In respect of the various parties’ personal liability, the Court held that with regard to Myburgh, the set off effect engineered by the cession to Trucking of Myburgh’s loan accounts in Transport very obviously exacerbated the prejudice occasioned to Transport’s creditors by the alienation of the company’s operational assets. It was evident from Mr Spamer’s advice that Transport had creditors who were pressing for payment and threatening legal action. There was no cogent explanation as to how selling all of Transport’s assets to another company controlled by Myburgh would advantage anyone other than Myburgh. The Court also considered that if the intention of the scheme put in place by Myburgh was to advantage Transport’s creditors, why were the rentals payable by Hauliers to Trucking not made immediately available to them through Transport? The Court found that the measures taken were not to the advantage of Transport’s creditors at all, but were instead manifestly, and very foreseeably, to their prejudice. This, the Court held, was because the obvious and inevitable effect of the transactions was to keep Transport’s creditors with claims from having any prospect of recovery, remote as that might be, for several years.
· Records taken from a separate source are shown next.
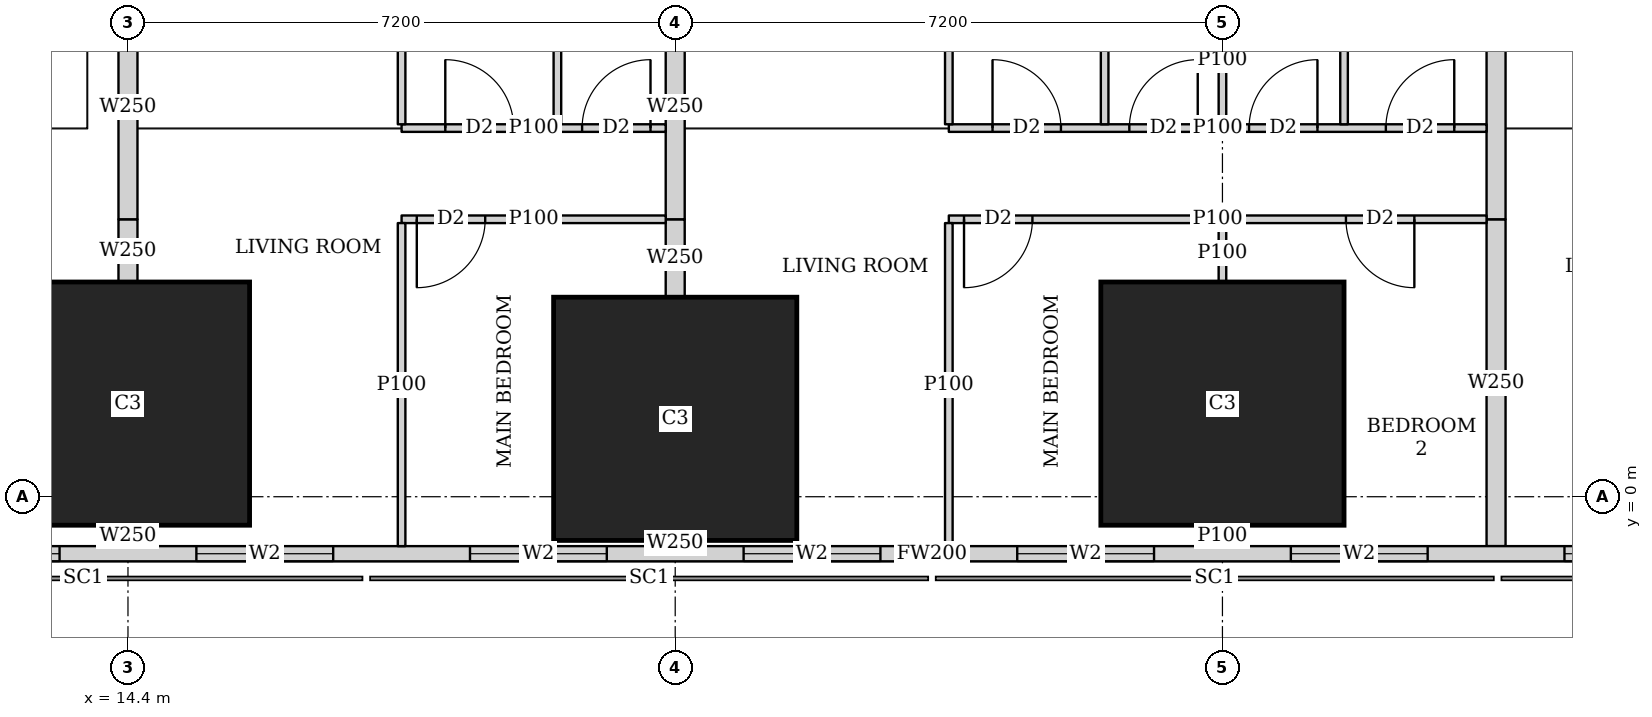
"""IFC4 building model, lengths in metres.
Left out: names, types, materials, properties, quantities, classifications, styles, units other than length and angle.
Written with IfcOpenShell. Run it as: python <this file> out.ifc"""

import sys

from ifc_helpers import new_model, si_unit, direction, frame, frame_2d, origin, origin_2d, place, context, subcontext, project, spatial, rectangle, extrude, element, fill, save


model = new_model("IFC4")
c1 = context("Model", 3, precision=1e-05, world=origin(), true_north=direction((0.0, 1.0)))
c2 = subcontext(c1, "Body", "Model", "MODEL_VIEW")
j1 = project(units=[si_unit("LENGTHUNIT", "METRE"), si_unit("PLANEANGLEUNIT", "RADIAN")], contexts=[c1])
p1 = place(None, origin())
s1 = spatial("IfcSite", under=j1, at=p1, CompositionType="ELEMENT")
p2 = place(p1, origin())
s2 = spatial("IfcBuilding", under=s1, at=p2, CompositionType="ELEMENT")
p3 = place(p2, frame((0.0, 0.0, 23.75)))
s3 = spatial("IfcBuildingStorey", under=s2, at=p3, CompositionType="ELEMENT", Elevation=23.75)
for number, where, z_axis, x_axis in (
    (1, (14.4, 1.225, 0.0), (0.0, 0.0, 1.0), (1.0, 0.0, 0.0)),
    (2, (21.6, 1.025, 0.0), (0.0, 0.0, 1.0), (1.0, 0.0, 0.0)),
    (3, (28.8, 1.225, 0.0), (0.0, 0.0, 1.0), (1.0, 0.0, 0.0)),
):
    element("IfcColumn", number, at=place(p3, frame(where, z_axis=z_axis, x_axis=x_axis)), inside=s3, PredefinedType="COLUMN", context=c2, shape_type="SweptSolid", body=[
        extrude(rectangle(XDim=3.2, YDim=3.2, at=origin_2d()), origin(), (0.0, 0.0, 1.0), 3.75),
    ])
p4 = place(p3, frame((2.163, -0.75, 0.0), z_axis=(0.0, 0.0, 1.0), x_axis=(1.0, 0.0, 0.0)))
e4 = element("IfcWall", 4, at=p4, inside=s3, PredefinedType="SOLIDWALL", context=c2, shape_type="SweptSolid", body=[
    extrude(rectangle(XDim=45.628, YDim=0.2, at=frame_2d((22.814, 0.0))), origin(), (0.0, 0.0, 1.0), 3.5),
])
p5 = place(p4, frame((9.537, 0.0, 0.9)))
e5 = element("IfcOpeningElement", 5, at=p5, cuts=e4, PredefinedType="OPENING", context=c2, shape_type="SweptSolid", body=[
    extrude(rectangle(XDim=1.8, YDim=1.5, at=frame_2d((0.9, 0.75))), frame((0.0, 0.11, 0.0), z_axis=(0.0, -1.0, 0.0), x_axis=(1.0, 0.0, 0.0)), (0.0, 0.0, 1.0), 0.22),
])
p6 = place(p4, frame((13.137, 0.0, 0.9)))
e6 = element("IfcOpeningElement", 6, at=p6, cuts=e4, PredefinedType="OPENING", context=c2, shape_type="SweptSolid", body=[
    extrude(rectangle(XDim=1.8, YDim=1.5, at=frame_2d((0.9, 0.75))), frame((0.0, 0.11, 0.0), z_axis=(0.0, -1.0, 0.0), x_axis=(1.0, 0.0, 0.0)), (0.0, 0.0, 1.0), 0.22),
])
p7 = place(p4, frame((16.737, 0.0, 0.9)))
e7 = element("IfcOpeningElement", 7, at=p7, cuts=e4, PredefinedType="OPENING", context=c2, shape_type="SweptSolid", body=[
    extrude(rectangle(XDim=1.8, YDim=1.5, at=frame_2d((0.9, 0.75))), frame((0.0, 0.11, 0.0), z_axis=(0.0, -1.0, 0.0), x_axis=(1.0, 0.0, 0.0)), (0.0, 0.0, 1.0), 0.22),
])
p8 = place(p4, frame((20.337, 0.0, 0.9)))
e8 = element("IfcOpeningElement", 8, at=p8, cuts=e4, PredefinedType="OPENING", context=c2, shape_type="SweptSolid", body=[
    extrude(rectangle(XDim=1.8, YDim=1.5, at=frame_2d((0.9, 0.75))), frame((0.0, 0.11, 0.0), z_axis=(0.0, -1.0, 0.0), x_axis=(1.0, 0.0, 0.0)), (0.0, 0.0, 1.0), 0.22),
])
p9 = place(p4, frame((23.937, 0.0, 0.9)))
e9 = element("IfcOpeningElement", 9, at=p9, cuts=e4, PredefinedType="OPENING", context=c2, shape_type="SweptSolid", body=[
    extrude(rectangle(XDim=1.8, YDim=1.5, at=frame_2d((0.9, 0.75))), frame((0.0, 0.11, 0.0), z_axis=(0.0, -1.0, 0.0), x_axis=(1.0, 0.0, 0.0)), (0.0, 0.0, 1.0), 0.22),
])
p10 = place(p4, frame((27.537, 0.0, 0.9)))
e10 = element("IfcOpeningElement", 10, at=p10, cuts=e4, PredefinedType="OPENING", context=c2, shape_type="SweptSolid", body=[
    extrude(rectangle(XDim=1.8, YDim=1.5, at=frame_2d((0.9, 0.75))), frame((0.0, 0.11, 0.0), z_axis=(0.0, -1.0, 0.0), x_axis=(1.0, 0.0, 0.0)), (0.0, 0.0, 1.0), 0.22),
])
p11 = place(p4, frame((31.137, 0.0, 0.9)))
e11 = element("IfcOpeningElement", 11, at=p11, cuts=e4, PredefinedType="OPENING", context=c2, shape_type="SweptSolid", body=[
    extrude(rectangle(XDim=1.8, YDim=1.5, at=frame_2d((0.9, 0.75))), frame((0.0, 0.11, 0.0), z_axis=(0.0, -1.0, 0.0), x_axis=(1.0, 0.0, 0.0)), (0.0, 0.0, 1.0), 0.22),
])
p12 = place(p4, frame((34.737, 0.0, 0.9)))
e12 = element("IfcOpeningElement", 12, at=p12, cuts=e4, PredefinedType="OPENING", context=c2, shape_type="SweptSolid", body=[
    extrude(rectangle(XDim=1.8, YDim=1.5, at=frame_2d((0.9, 0.75))), frame((0.0, 0.11, 0.0), z_axis=(0.0, -1.0, 0.0), x_axis=(1.0, 0.0, 0.0)), (0.0, 0.0, 1.0), 0.22),
])
p13 = place(p3, frame((21.475, 3.65, 0.0), z_axis=(0.0, 0.0, 1.0), x_axis=(-1.0, 0.0, 0.0)))
e13 = element("IfcWall", 13, at=p13, inside=s3, PredefinedType="PARTITIONING", context=c2, shape_type="SweptSolid", body=[
    extrude(rectangle(XDim=3.475, YDim=0.1, at=frame_2d((1.738, 0.0))), origin(), (0.0, 0.0, 1.0), 3.5),
])
p14 = place(p13, frame((2.375, 0.0, 0.0)))
e14 = element("IfcOpeningElement", 14, at=p14, cuts=e13, PredefinedType="OPENING", context=c2, shape_type="SweptSolid", body=[
    extrude(rectangle(XDim=0.9, YDim=2.1, at=frame_2d((0.45, 1.05))), frame((0.0, 0.06, 0.0), z_axis=(0.0, -1.0, 0.0), x_axis=(1.0, 0.0, 0.0)), (0.0, 0.0, 1.0), 0.12),
])
p15 = place(p3, frame((21.475, 4.85, 0.0), z_axis=(0.0, 0.0, 1.0), x_axis=(-1.0, 0.0, 0.0)))
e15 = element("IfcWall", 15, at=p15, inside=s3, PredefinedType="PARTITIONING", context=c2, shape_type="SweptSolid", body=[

The Court ultimately held that a very clear case of reckless, if not fraudulent, conduct within the meaning of section 424(1) had been made out against Myburgh.
Regarding Trucking and Hauliers, the Court held that no case had been made out against these parties and that the evidence suggested that any order against those companies would, in any event, be worthless. When considering Mr Spamer’s liability, the Court held that his role in giving advice to Myburgh did not amount to being party to the carrying on of the company’s business, and that no relief would be granted against him.
When it came to the liability of the trustees, the Court considered whether, by adopting the section 115 special resolution to permit the disposal by Transport of its assets, the trustees could be said to have been party to the carrying on of Transport’s business. The Court found that it did not follow that because the trustees exposed themselves to liability, in terms of section 424 of the Companies Act, 1973, the assets of the Trust would be available to satisfy any order against the trustees to pay the debts of Transport. The Court further held that one cannot ignore the implications of the existence of a validly established trust by treating the trust property as if it were the property of the trust’s controllers. That can be done only if it is shown that the trust is in fact a sham. The Court ultimately found that since the applicants did not even attempt to prove that the trust was a sham, the claim against the trustees could not succeed.
The Court therefore declared that in terms of section 424(1) of the Companies Act, 1973, Myburgh was personally responsible, without any limitation of liability, for all of the debts or other liabilities of the company.